Fraudulent Credit Transaction detection system using SMOTE, Random Forest Classifier and Streamlit


Fraud Warden is a next-generation credit card fraud detection system that uses machine learning to predict whether a transaction is fraudulent or not. The system leverages a Random Forest Classifier to make predictions based on various features of the transaction. Technology Stack Programming Language: Python


  • streamlit for building the web application
  • pandas for data manipulation
  • and seaborn for data visualization
  • scikit-learn for machine learning
  • pickle for model serialization

Installation Instructions

  • Clone the Repository:
  • git clone
  • cd fraud-warden
  • Create a Virtual Environment:
    • python -m venv venv
    • source venv/bin/activate # On Windows use venv\Scripts\activate
  • Install Dependencies:
    • pip install -r requirements.txt
  • Run the Application:
    • streamlit run

How It Works

  • Data Preprocessing:
    • The application preprocesses the uploaded CSV file by removing unnecessary columns and converting date columns to datetime objects.
      Additional features such as time_of_day and age are derived from existing columns.
  • Feature Engineering:
    • Categorical features are encoded into numerical values.
      The data is reindexed to ensure all required columns are present.
  • Oversampling:
    • The application uses Synthetic Minority Over-sampling Technique (SMOTE) to balance the dataset.
  • Model Prediction:
    • The preprocessed data is fed into a pre-trained Random Forest Classifier model.
      The model predicts whether a transaction is fraudulent based on the input features.
  • Visualization:
    • The application provides various visualizations such as histograms, bar charts, and correlation heatmaps to help users understand the data.

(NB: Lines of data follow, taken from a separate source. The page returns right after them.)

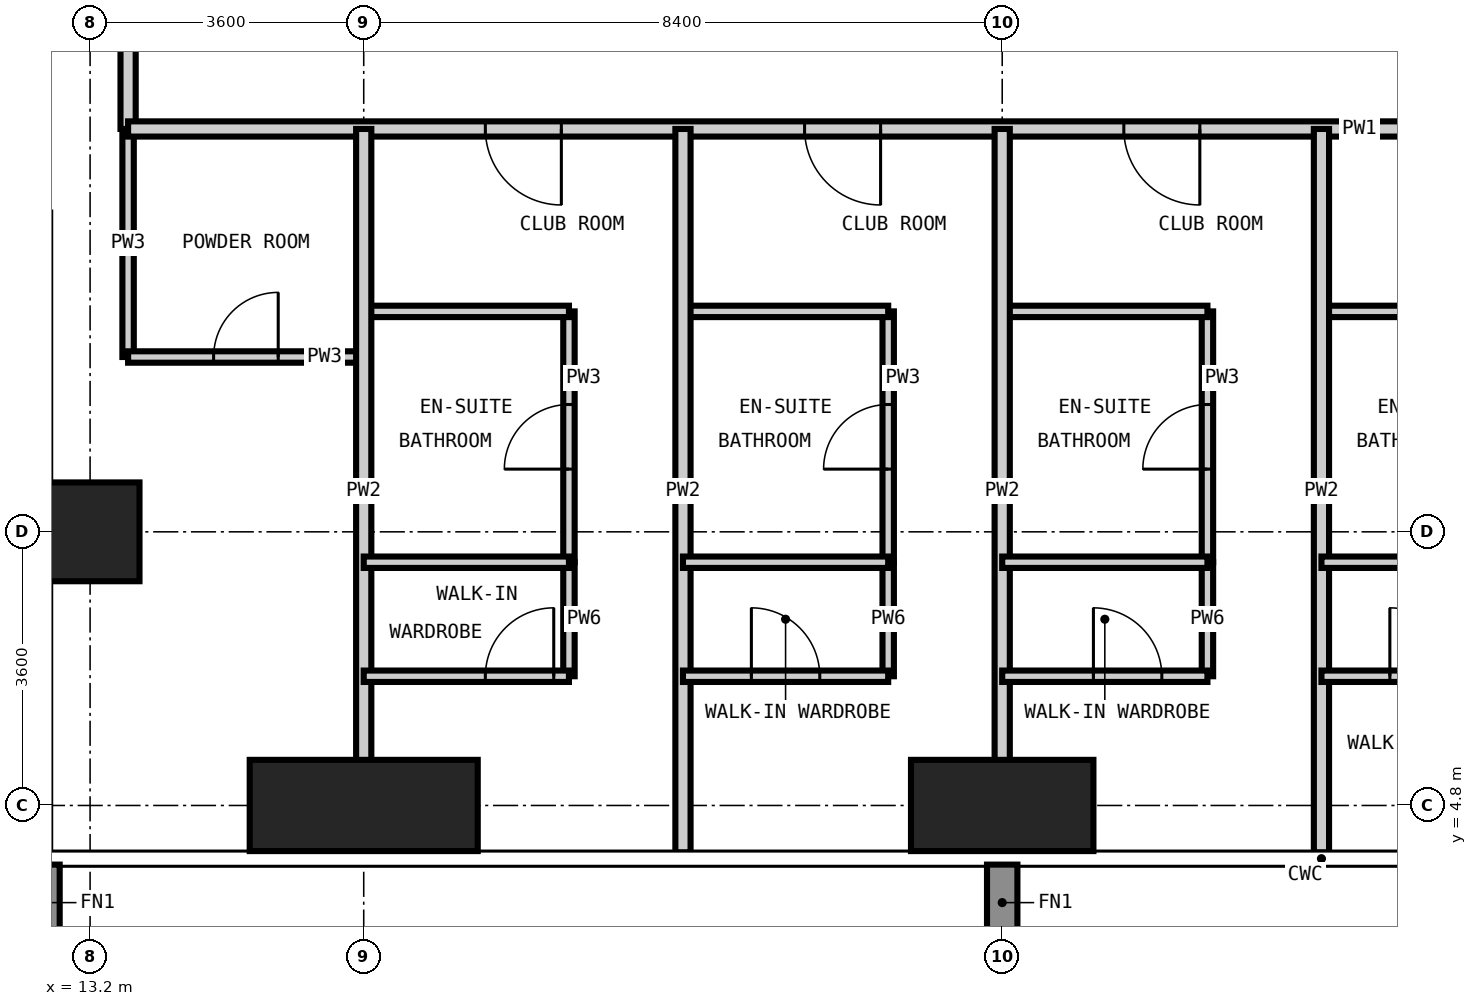
"""IFC4 building model, lengths in metres.
Left out: names, types, materials, properties, quantities, classifications, styles, units other than length and angle.
Written with IfcOpenShell. Run it as: python <this file> out.ifc"""

import sys

from ifc_helpers import new_model, si_unit, direction, frame, frame_2d, origin, origin_2d, place, context, subcontext, project, spatial, rectangle, extrude, element, fill, save


model = new_model("IFC4")
c1 = context("Model", 3, precision=1e-05, world=origin(), true_north=direction((0.0, 1.0)))
c2 = subcontext(c1, "Body", "Model", "MODEL_VIEW")
j1 = project(units=[si_unit("LENGTHUNIT", "METRE"), si_unit("PLANEANGLEUNIT", "RADIAN")], contexts=[c1])
p1 = place(None, origin())
s1 = spatial("IfcSite", under=j1, at=p1, CompositionType="ELEMENT")
p2 = place(p1, origin())
s2 = spatial("IfcBuilding", under=s1, at=p2, CompositionType="ELEMENT")
p3 = place(p2, frame((0.0, 0.0, 213.0)))
s3 = spatial("IfcBuildingStorey", under=s2, at=p3, CompositionType="ELEMENT", Elevation=213.0)
p4 = place(p3, frame((13.2, 8.4, -0.35), z_axis=(0.0, 0.0, 1.0), x_axis=(1.0, 0.0, 0.0)))
e1 = element("IfcColumn", 1, at=p4, inside=s3, PredefinedType="COLUMN", context=c2, shape_type="SweptSolid", body=[
    extrude(rectangle(XDim=1.3, YDim=1.3, at=origin_2d()), origin(), (0.0, 0.0, 1.0), 3.6),
])
p5 = place(p3, frame((16.8, 4.8, -0.35), z_axis=(0.0, 0.0, 1.0), x_axis=(1.0, 0.0, 0.0)))
e2 = element("IfcColumn", 2, at=p5, inside=s3, PredefinedType="COLUMN", context=c2, shape_type="SweptSolid", body=[
    extrude(rectangle(XDim=3.0, YDim=1.2, at=origin_2d()), origin(), (0.0, 0.0, 1.0), 3.6),
])
p6 = place(p3, frame((25.2, 4.8, -0.35), z_axis=(0.0, 0.0, 1.0), x_axis=(1.0, 0.0, 0.0)))
e3 = element("IfcColumn", 3, at=p6, inside=s3, PredefinedType="COLUMN", context=c2, shape_type="SweptSolid", body=[
    extrude(rectangle(XDim=2.4, YDim=1.2, at=origin_2d()), origin(), (0.0, 0.0, 1.0), 3.6),
])
p7 = place(p3, frame((13.7, 10.7, 0.0), z_axis=(0.0, 0.0, 1.0), x_axis=(0.0, 1.0, 0.0)))
e4 = element("IfcWall", 4, at=p7, inside=s3, PredefinedType="PARTITIONING", context=c2, shape_type="SweptSolid", body=[
    extrude(rectangle(XDim=3.0, YDim=0.15, at=frame_2d((1.5, 0.0))), origin(), (0.0, 0.0, 1.0), 3.25),
])
p8 = place(p3, frame((19.5, 8.0, 0.0), z_axis=(0.0, 0.0, 1.0), x_axis=(0.0, 1.0, 0.0)))
e5 = element("IfcWall", 5, at=p8, inside=s3, PredefinedType="PARTITIONING", context=c2, shape_type="SweptSolid", body=[
    extrude(rectangle(XDim=3.3, YDim=0.15, at=frame_2d((1.65, 0.0))), origin(), (0.0, 0.0, 1.0), 3.25),
])
p9 = place(p8, frame((1.225, 0.0, 0.0)))
e6 = element("IfcOpeningElement", 6, at=p9, cuts=e5, PredefinedType="OPENING", context=c2, shape_type="SweptSolid", body=[
    extrude(rectangle(XDim=0.85, YDim=2.1, at=frame_2d((0.425, 1.05))), frame((0.0, 0.085, 0.0), z_axis=(0.0, -1.0, 0.0), x_axis=(1.0, 0.0, 0.0)), (0.0, 0.0, 1.0), 0.17),
])
p10 = place(p3, frame((23.7, 8.0, 0.0), z_axis=(0.0, 0.0, 1.0), x_axis=(0.0, 1.0, 0.0)))
e7 = element("IfcWall", 7, at=p10, inside=s3, PredefinedType="PARTITIONING", context=c2, shape_type="SweptSolid", body=[
    extrude(rectangle(XDim=3.3, YDim=0.15, at=frame_2d((1.65, 0.0))), origin(), (0.0, 0.0, 1.0), 3.25),
])
p11 = place(p10, frame((1.225, 0.0, 0.0)))
e8 = element("IfcOpeningElement", 8, at=p11, cuts=e7, PredefinedType="OPENING", context=c2, shape_type="SweptSolid", body=[
    extrude(rectangle(XDim=0.85, YDim=2.1, at=frame_2d((0.425, 1.05))), frame((0.0, 0.085, 0.0), z_axis=(0.0, -1.0, 0.0), x_axis=(1.0, 0.0, 0.0)), (0.0, 0.0, 1.0), 0.17),
])
p12 = place(p3, frame((27.9, 8.0, 0.0), z_axis=(0.0, 0.0, 1.0), x_axis=(0.0, 1.0, 0.0)))
e9 = element("IfcWall", 9, at=p12, inside=s3, PredefinedType="PARTITIONING", context=c2, shape_type="SweptSolid", body=[
    extrude(rectangle(XDim=3.3, YDim=0.15, at=frame_2d((1.65, 0.0))), origin(), (0.0, 0.0, 1.0), 3.25),
])
p13 = place(p12, frame((1.225, 0.0, 0.0)))
e10 = element("IfcOpeningElement", 10, at=p13, cuts=e9, PredefinedType="OPENING", context=c2, shape_type="SweptSolid", body=[
    extrude(rectangle(XDim=0.85, YDim=2.1, at=frame_2d((0.425, 1.05))), frame((0.0, 0.085, 0.0), z_axis=(0.0, -1.0, 0.0), x_axis=(1.0, 0.0, 0.0)), (0.0, 0.0, 1.0), 0.17),
])
p14 = place(p3, frame((13.7, 10.7, 0.0), z_axis=(0.0, 0.0, 1.0), x_axis=(1.0, 0.0, 0.0)))
e11 = element("IfcWall", 11, at=p14, inside=s3, PredefinedType="PARTITIONING", context=c2, shape_type="SweptSolid", body=[
    extrude(rectangle(XDim=3.1, YDim=0.15, at=frame_2d((1.55, 0.0))), origin(), (0.0, 0.0, 1.0), 3.25),
])
p15 = place(p14, frame((1.125, 0.0, 0.0)))
e12 = element("IfcOpeningElement", 12, at=p15, cuts=e11, PredefinedType="OPENING", context=c2, shape_type="SweptSolid", body=[
    extrude(rectangle(XDim=0.85, YDim=2.1, at=frame_2d((0.425, 1.05))), frame((0.0, 0.085, 0.0), z_axis=(0.0, -1.0, 0.0), x_axis=(1.0, 0.0, 0.0)), (0.0, 0.0, 1.0), 0.17),
])
for number, where, z_axis, x_axis in (
    (13, (16.8, 11.3, 0.0), (0.0, 0.0, 1.0), (1.0, 0.0, 0.0)),
    (14, (21.0, 11.3, 0.0), (0.0, 0.0, 1.0), (1.0, 0.0, 0.0)),
    (15, (25.2, 11.3, 0.0), (0.0, 0.0, 1.0), (1.0, 0.0, 0.0)),
):
    element("IfcWall", number, at=place(p3, frame(where, z_axis=z_axis, x_axis=x_axis)), inside=s3, PredefinedType="PARTITIONING", context=c2, shape_type="SweptSolid", body=[
        extrude(rectangle(XDim=2.7, YDim=0.15, at=frame_2d((1.35, 0.0))), origin(), (0.0, 0.0, 1.0), 3.25),
    ])
p16 = place(p3, frame((29.4, 11.3, 0.0), z_axis=(0.0, 0.0, 1.0), x_axis=(1.0, 0.0, 0.0)))
e16 = element("IfcWall", 16, at=p16, inside=s3, PredefinedType="PARTITIONING", context=c2, shape_type="SweptSolid", body=[
    extrude(rectangle(XDim=2.7, YDim=0.15, at=frame_2d((1.35, 0.0))), origin(), (0.0, 0.0, 1.0), 3.25),
])
p17 = place(p3, frame((13.7, 13.7, 0.0), z_axis=(0.0, 0.0, 1.0), x_axis=(0.0, 1.0, 0.0)))
e17 = element("IfcWall", 17, at=p17, inside=s3, PredefinedType="PARTITIONING", context=c2, shape_type="SweptSolid", body=[
    extrude(rectangle(XDim=30.8, YDim=0.2, at=frame_2d((15.4, 0.0))), origin(), (0.0, 0.0, 1.0), 3.25),
])
p18 = place(p17, frame((4.7, 0.0, 0.0)))
e18 = element("IfcOpeningElement", 18, at=p18, cuts=e17, PredefinedType="OPENING", context=c2, shape_type="SweptSolid", body=[
    extrude(rectangle(XDim=1.0, YDim=2.2, at=frame_2d((0.5, 1.1))), frame((0.0, 0.11, 0.0), z_axis=(0.0, -1.0, 0.0), x_axis=(1.0, 0.0, 0.0)), (0.0, 0.0, 1.0), 0.22),
])
p19 = place(p17, frame((12.2, 0.0, 0.0)))
e19 = element("IfcOpeningElement", 19, at=p19, cuts=e17, PredefinedType="OPENING", context=c2, shape_type="SweptSolid", body=[
    extrude(rectangle(XDim=1.0, YDim=2.2, at=frame_2d((0.5, 1.1))), frame((0.0, 0.11, 0.0), z_axis=(0.0, -1.0, 0.0), x_axis=(1.0, 0.0, 0.0)), (0.0, 0.0, 1.0), 0.22),
])
p20 = place(p17, frame((18.2, 0.0, 0.0)))
e20 = element("IfcOpeningElement", 20, at=p20, cuts=e17, PredefinedType="OPENING", context=c2, shape_type="SweptSolid", body=[
    extrude(rectangle(XDim=1.0, YDim=2.2, at=frame_2d((0.5, 1.1))), frame((0.0, 0.11, 0.0), z_axis=(0.0, -1.0, 0.0), x_axis=(1.0, 0.0, 0.0)), (0.0, 0.0, 1.0), 0.22),
])
p21 = place(p17, frame((25.7, 0.0, 0.0)))
e21 = element("IfcOpeningElement", 21, at=p21, cuts=e17, PredefinedType="OPENING", context=c2, shape_type="SweptSolid", body=[
    extrude(rectangle(XDim=1.0, YDim=2.2, at=frame_2d((0.5, 1.1))), frame((0.0, 0.11, 0.0), z_axis=(0.0, -1.0, 0.0), x_axis=(1.0, 0.0, 0.0)), (0.0, 0.0, 1.0), 0.22),
])
p22 = place(p17, frame((1.05, 0.0, 0.0)))
e22 = element("IfcOpeningElement", 22, at=p22, cuts=e17, PredefinedType="OPENING", context=c2, shape_type="SweptSolid", body=[
    extrude(rectangle(XDim=1.0, YDim=2.2, at=frame_2d((0.5, 1.1))), frame((0.0, 0.11, 0.0), z_axis=(0.0, -1.0, 0.0), x_axis=(1.0, 0.0, 0.0)), (0.0, 0.0, 1.0), 0.22),
])
p23 = place(p17, frame((29.05, 0.0, 0.0)))
e23 = element("IfcOpeningElement", 23, at=p23, cuts=e17, PredefinedType="OPENING", context=c2, shape_type="SweptSolid", body=[
    extrude(rectangle(XDim=1.0, YDim=2.2, at=frame_2d((0.5, 1.1))), frame((0.0, 0.11, 0.0), z_axis=(0.0, -1.0, 0.0), x_axis=(1.0, 0.0, 0.0)), (0.0, 0.0, 1.0), 0.22),
])
p24 = place(p3, frame((45.7, 13.7, 0.0), z_axis=(0.0, 0.0, 1.0), x_axis=(-1.0, 0.0, 0.0)))
e24 = element("IfcWall", 24, at=p24, inside=s3, PredefinedType="PARTITIONING", context=c2, shape_type="SweptSolid", body=[
    extrude(rectangle(XDim=32.0, YDim=0.2, at=frame_2d((16.0, 0.0))), origin(), (0.0, 0.0, 1.0), 3.25),
])
p25 = place(p24, frame((26.3, 0.0, 0.0)))
e25 = element("IfcOpeningElement", 25, at=p25, cuts=e24, PredefinedType="OPENING", context=c2, shape_type="SweptSolid", body=[
    extrude(rectangle(XDim=1.0, YDim=2.2, at=frame_2d((0.5, 1.1))), frame((0.0, 0.11, 0.0), z_axis=(0.0, -1.0, 0.0), x_axis=(1.0, 0.0, 0.0)), (0.0, 0.0, 1.0), 0.22),
])
p26 = place(p24, frame((22.1, 0.0, 0.0)))
e26 = element("IfcOpeningElement", 26, at=p26, cuts=e24, PredefinedType="OPENING", context=c2, shape_type="SweptSolid", body=[
    extrude(rectangle(XDim=1.0, YDim=2.2, at=frame_2d((0.5, 1.1))), frame((0.0, 0.11, 0.0), z_axis=(0.0, -1.0, 0.0), x_axis=(1.0, 0.0, 0.0)), (0.0, 0.0, 1.0), 0.22),
])
p27 = place(p24, frame((17.9, 0.0, 0.0)))
e27 = element("IfcOpeningElement", 27, at=p27, cuts=e24, PredefinedType="OPENING", context=c2, shape_type="SweptSolid", body=[
    extrude(rectangle(XDim=1.0, YDim=2.2, at=frame_2d((0.5, 1.1))), frame((0.0, 0.11, 0.0), z_axis=(0.0, -1.0, 0.0), x_axis=(1.0, 0.0, 0.0)), (0.0, 0.0, 1.0), 0.22),
])
p28 = place(p24, frame((13.7, 0.0, 0.0)))
e28 = element("IfcOpeningElement", 28, at=p28, cuts=e24, PredefinedType="OPENING", context=c2, shape_type="SweptSolid", body=[
    extrude(rectangle(XDim=1.0, YDim=2.2, at=frame_2d((0.5, 1.1))), frame((0.0, 0.11, 0.0), z_axis=(0.0, -1.0, 0.0), x_axis=(1.0, 0.0, 0.0)), (0.0, 0.0, 1.0), 0.22),
])
p29 = place(p24, frame((9.5, 0.0, 0.0)))
e29 = element("IfcOpeningElement", 29, at=p29, cuts=e24, PredefinedType="OPENING", context=c2, shape_type="SweptSolid", body=[
    extrude(rectangle(XDim=1.0, YDim=2.2, at=frame_2d((0.5, 1.1))), frame((0.0, 0.11, 0.0), z_axis=(0.0, -1.0, 0.0), x_axis=(1.0, 0.0, 0.0)), (0.0, 0.0, 1.0), 0.22),
])
p30 = place(p24, frame((5.3, 0.0, 0.0)))
e30 = element("IfcOpeningElement", 30, at=p30, cuts=e24, PredefinedType="OPENING", context=c2, shape_type="SweptSolid", body=[
    extrude(rectangle(XDim=1.0, YDim=2.2, at=frame_2d((0.5, 1.1))), frame((0.0, 0.11, 0.0), z_axis=(0.0, -1.0, 0.0), x_axis=(1.0, 0.0, 0.0)), (0.0, 0.0, 1.0), 0.22),
])
for number, where, z_axis, x_axis in (
    (31, (16.8, 4.182, 0.0), (0.0, 0.0, 1.0), (0.0, 1.0, 0.0)),
    (32, (21.0, 4.182, 0.0), (0.0, 0.0, 1.0), (0.0, 1.0, 0.0)),
    (33, (25.2, 4.182, 0.0), (0.0, 0.0, 1.0), (0.0, 1.0, 0.0)),
    (34, (29.4, 4.182, 0.0), (0.0, 0.0, 1.0), (0.0, 1.0, 0.0)),
):
    element("IfcWall", number, at=place(p3, frame(where, z_axis=z_axis, x_axis=x_axis)), inside=s3, PredefinedType="PARTITIONING", context=c2, shape_type="SweptSolid", body=[
        extrude(rectangle(XDim=9.518, YDim=0.2, at=frame_2d((4.759, 0.0))), origin(), (0.0, 0.0, 1.0), 3.25),
    ])
for number, where, z_axis, x_axis in (
    (35, (19.5, 6.5, 0.0), (0.0, 0.0, 1.0), (0.0, 1.0, 0.0)),
    (36, (23.7, 6.5, 0.0), (0.0, 0.0, 1.0), (0.0, 1.0, 0.0)),
    (37, (27.9, 6.5, 0.0), (0.0, 0.0, 1.0), (0.0, 1.0, 0.0)),
):
    element("IfcWall", number, at=place(p3, frame(where, z_axis=z_axis, x_axis=x_axis)), inside=s3, PredefinedType="PARTITIONING", context=c2, shape_type="SweptSolid", body=[
        extrude(rectangle(XDim=1.5, YDim=0.15, at=frame_2d((0.75, 0.0))), origin(), (0.0, 0.0, 1.0), 3.25),
    ])
p31 = place(p3, frame((16.8, 6.5, 0.0), z_axis=(0.0, 0.0, 1.0), x_axis=(1.0, 0.0, 0.0)))
e38 = element("IfcWall", 38, at=p31, inside=s3, PredefinedType="PARTITIONING", context=c2, shape_type="SweptSolid", body=[
    extrude(rectangle(XDim=2.7, YDim=0.15, at=frame_2d((1.35, 0.0))), origin(), (0.0, 0.0, 1.0), 3.25),
])
p32 = place(p31, frame((1.6, 0.0, 0.0)))
e39 = element("IfcOpeningElement", 39, at=p32, cuts=e38, PredefinedType="OPENING", context=c2, shape_type="SweptSolid", body=[
    extrude(rectangle(XDim=0.9, YDim=2.1, at=frame_2d((0.45, 1.05))), frame((0.0, 0.085, 0.0), z_axis=(0.0, -1.0, 0.0), x_axis=(1.0, 0.0, 0.0)), (0.0, 0.0, 1.0), 0.17),
])
p33 = place(p3, frame((21.0, 6.5, 0.0), z_axis=(0.0, 0.0, 1.0), x_axis=(1.0, 0.0, 0.0)))
e40 = element("IfcWall", 40, at=p33, inside=s3, PredefinedType="PARTITIONING", context=c2, shape_type="SweptSolid", body=[
    extrude(rectangle(XDim=2.7, YDim=0.15, at=frame_2d((1.35, 0.0))), origin(), (0.0, 0.0, 1.0), 3.25),
])
p34 = place(p33, frame((0.9, 0.0, 0.0)))
e41 = element("IfcOpeningElement", 41, at=p34, cuts=e40, PredefinedType="OPENING", context=c2, shape_type="SweptSolid", body=[
    extrude(rectangle(XDim=0.9, YDim=2.1, at=frame_2d((0.45, 1.05))), frame((0.0, 0.085, 0.0), z_axis=(0.0, -1.0, 0.0), x_axis=(1.0, 0.0, 0.0)), (0.0, 0.0, 1.0), 0.17),
])
p35 = place(p3, frame((25.2, 6.5, 0.0), z_axis=(0.0, 0.0, 1.0), x_axis=(1.0, 0.0, 0.0)))
e42 = element("IfcWall", 42, at=p35, inside=s3, PredefinedType="PARTITIONING", context=c2, shape_type="SweptSolid", body=[
    extrude(rectangle(XDim=2.7, YDim=0.15, at=frame_2d((1.35, 0.0))), origin(), (0.0, 0.0, 1.0), 3.25),
])
p36 = place(p35, frame((1.2, 0.0, 0.0)))
e43 = element("IfcOpeningElement", 43, at=p36, cuts=e42, PredefinedType="OPENING", context=c2, shape_type="SweptSolid", body=[
    extrude(rectangle(XDim=0.9, YDim=2.1, at=frame_2d((0.45, 1.05))), frame((0.0, 0.085, 0.0), z_axis=(0.0, -1.0, 0.0), x_axis=(1.0, 0.0, 0.0)), (0.0, 0.0, 1.0), 0.17),
])
p37 = place(p3, frame((29.4, 6.5, 0.0), z_axis=(0.0, 0.0, 1.0), x_axis=(1.0, 0.0, 0.0)))
e44 = element("IfcWall", 44, at=p37, inside=s3, PredefinedType="PARTITIONING", context=c2, shape_type="SweptSolid", body=[
    extrude(rectangle(XDim=2.7, YDim=0.15, at=frame_2d((1.35, 0.0))), origin(), (0.0, 0.0, 1.0), 3.25),
])
p38 = place(p37, frame((0.9, 0.0, 0.0)))
e45 = element("IfcOpeningElement", 45, at=p38, cuts=e44, PredefinedType="OPENING", context=c2, shape_type="SweptSolid", body=[
    extrude(rectangle(XDim=0.9, YDim=2.1, at=frame_2d((0.45, 1.05))), frame((0.0, 0.085, 0.0), z_axis=(0.0, -1.0, 0.0), x_axis=(1.0, 0.0, 0.0)), (0.0, 0.0, 1.0), 0.17),
])
for number, where, z_axis, x_axis in (
    (46, (16.8, 8.0, 0.0), (0.0, 0.0, 1.0), (1.0, 0.0, 0.0)),
    (47, (21.0, 8.0, 0.0), (0.0, 0.0, 1.0), (1.0, 0.0, 0.0)),
    (48, (25.2, 8.0, 0.0), (0.0, 0.0, 1.0), (1.0, 0.0, 0.0)),
):
    element("IfcWall", number, at=place(p3, frame(where, z_axis=z_axis, x_axis=x_axis)), inside=s3, PredefinedType="PARTITIONING", context=c2, shape_type="SweptSolid", body=[
        extrude(rectangle(XDim=2.7, YDim=0.15, at=frame_2d((1.35, 0.0))), origin(), (0.0, 0.0, 1.0), 3.25),
    ])
p39 = place(p3, frame((29.4, 8.0, 0.0), z_axis=(0.0, 0.0, 1.0), x_axis=(1.0, 0.0, 0.0)))
e49 = element("IfcWall", 49, at=p39, inside=s3, PredefinedType="PARTITIONING", context=c2, shape_type="SweptSolid", body=[
    extrude(rectangle(XDim=2.7, YDim=0.15, at=frame_2d((1.35, 0.0))), origin(), (0.0, 0.0, 1.0), 3.25),
])
p40 = place(p25, origin())
e50 = element("IfcDoor", 50, at=p40, inside=s3, OperationType="SINGLE_SWING_LEFT", PredefinedType="DOOR", context=c2, shape_type="SweptSolid", body=[
    extrude(rectangle(XDim=1.0, YDim=2.2, at=frame_2d((0.5, 1.1))), frame((0.0, 0.025, 0.0), z_axis=(0.0, -1.0, 0.0), x_axis=(1.0, 0.0, 0.0)), (0.0, 0.0, 1.0), 0.05),
])
fill(e25, e50)
p41 = place(p9, origin())
e51 = element("IfcDoor", 51, at=p41, inside=s3, OperationType="SINGLE_SWING_LEFT", PredefinedType="DOOR", context=c2, shape_type="SweptSolid", body=[
    extrude(rectangle(XDim=0.85, YDim=2.1, at=frame_2d((0.425, 1.05))), frame((0.0, 0.025, 0.0), z_axis=(0.0, -1.0, 0.0), x_axis=(1.0, 0.0, 0.0)), (0.0, 0.0, 1.0), 0.05),
])
fill(e6, e51)
p42 = place(p32, origin())
e52 = element("IfcDoor", 52, at=p42, inside=s3, OperationType="SINGLE_SWING_RIGHT", PredefinedType="DOOR", context=c2, shape_type="SweptSolid", body=[
    extrude(rectangle(XDim=0.9, YDim=2.1, at=frame_2d((0.45, 1.05))), frame((0.0, 0.025, 0.0), z_axis=(0.0, -1.0, 0.0), x_axis=(1.0, 0.0, 0.0)), (0.0, 0.0, 1.0), 0.05),
])
fill(e39, e52)
p43 = place(p26, origin())
e53 = element("IfcDoor", 53, at=p43, inside=s3, OperationType="SINGLE_SWING_LEFT", PredefinedType="DOOR", context=c2, shape_type="SweptSolid", body=[
    extrude(rectangle(XDim=1.0, YDim=2.2, at=frame_2d((0.5, 1.1))), frame((0.0, 0.025, 0.0), z_axis=(0.0, -1.0, 0.0), x_axis=(1.0, 0.0, 0.0)), (0.0, 0.0, 1.0), 0.05),
])
fill(e26, e53)
p44 = place(p11, origin())
e54 = element("IfcDoor", 54, at=p44, inside=s3, OperationType="SINGLE_SWING_LEFT", PredefinedType="DOOR", context=c2, shape_type="SweptSolid", body=[
    extrude(rectangle(XDim=0.85, YDim=2.1, at=frame_2d((0.425, 1.05))), frame((0.0, 0.025, 0.0), z_axis=(0.0, -1.0, 0.0), x_axis=(1.0, 0.0, 0.0)), (0.0, 0.0, 1.0), 0.05),
])
fill(e8, e54)
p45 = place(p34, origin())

  • Upload CSV: Users can upload a CSV file containing transaction data.
  • Data Preview: Displays a preview of the uploaded data.
  • Basic Statistics: Shows basic statistics of the dataset.
  • Data Types: Displays the data types of each column.
  • Missing Values: Shows the count of missing values in each column.
  • Distribution of Numerical Columns: Visualizes the distribution of numerical columns.
  • Counts of Categorical Columns: Visualizes the counts of categorical columns.
  • Correlation Heatmap: Displays a heatmap of the correlation between numerical features.
  • SMOTE Sampling: Balances the dataset using SMOTE sampling.
  • Fraud Prediction: Predicts whether a transaction is fraudulent based on user input.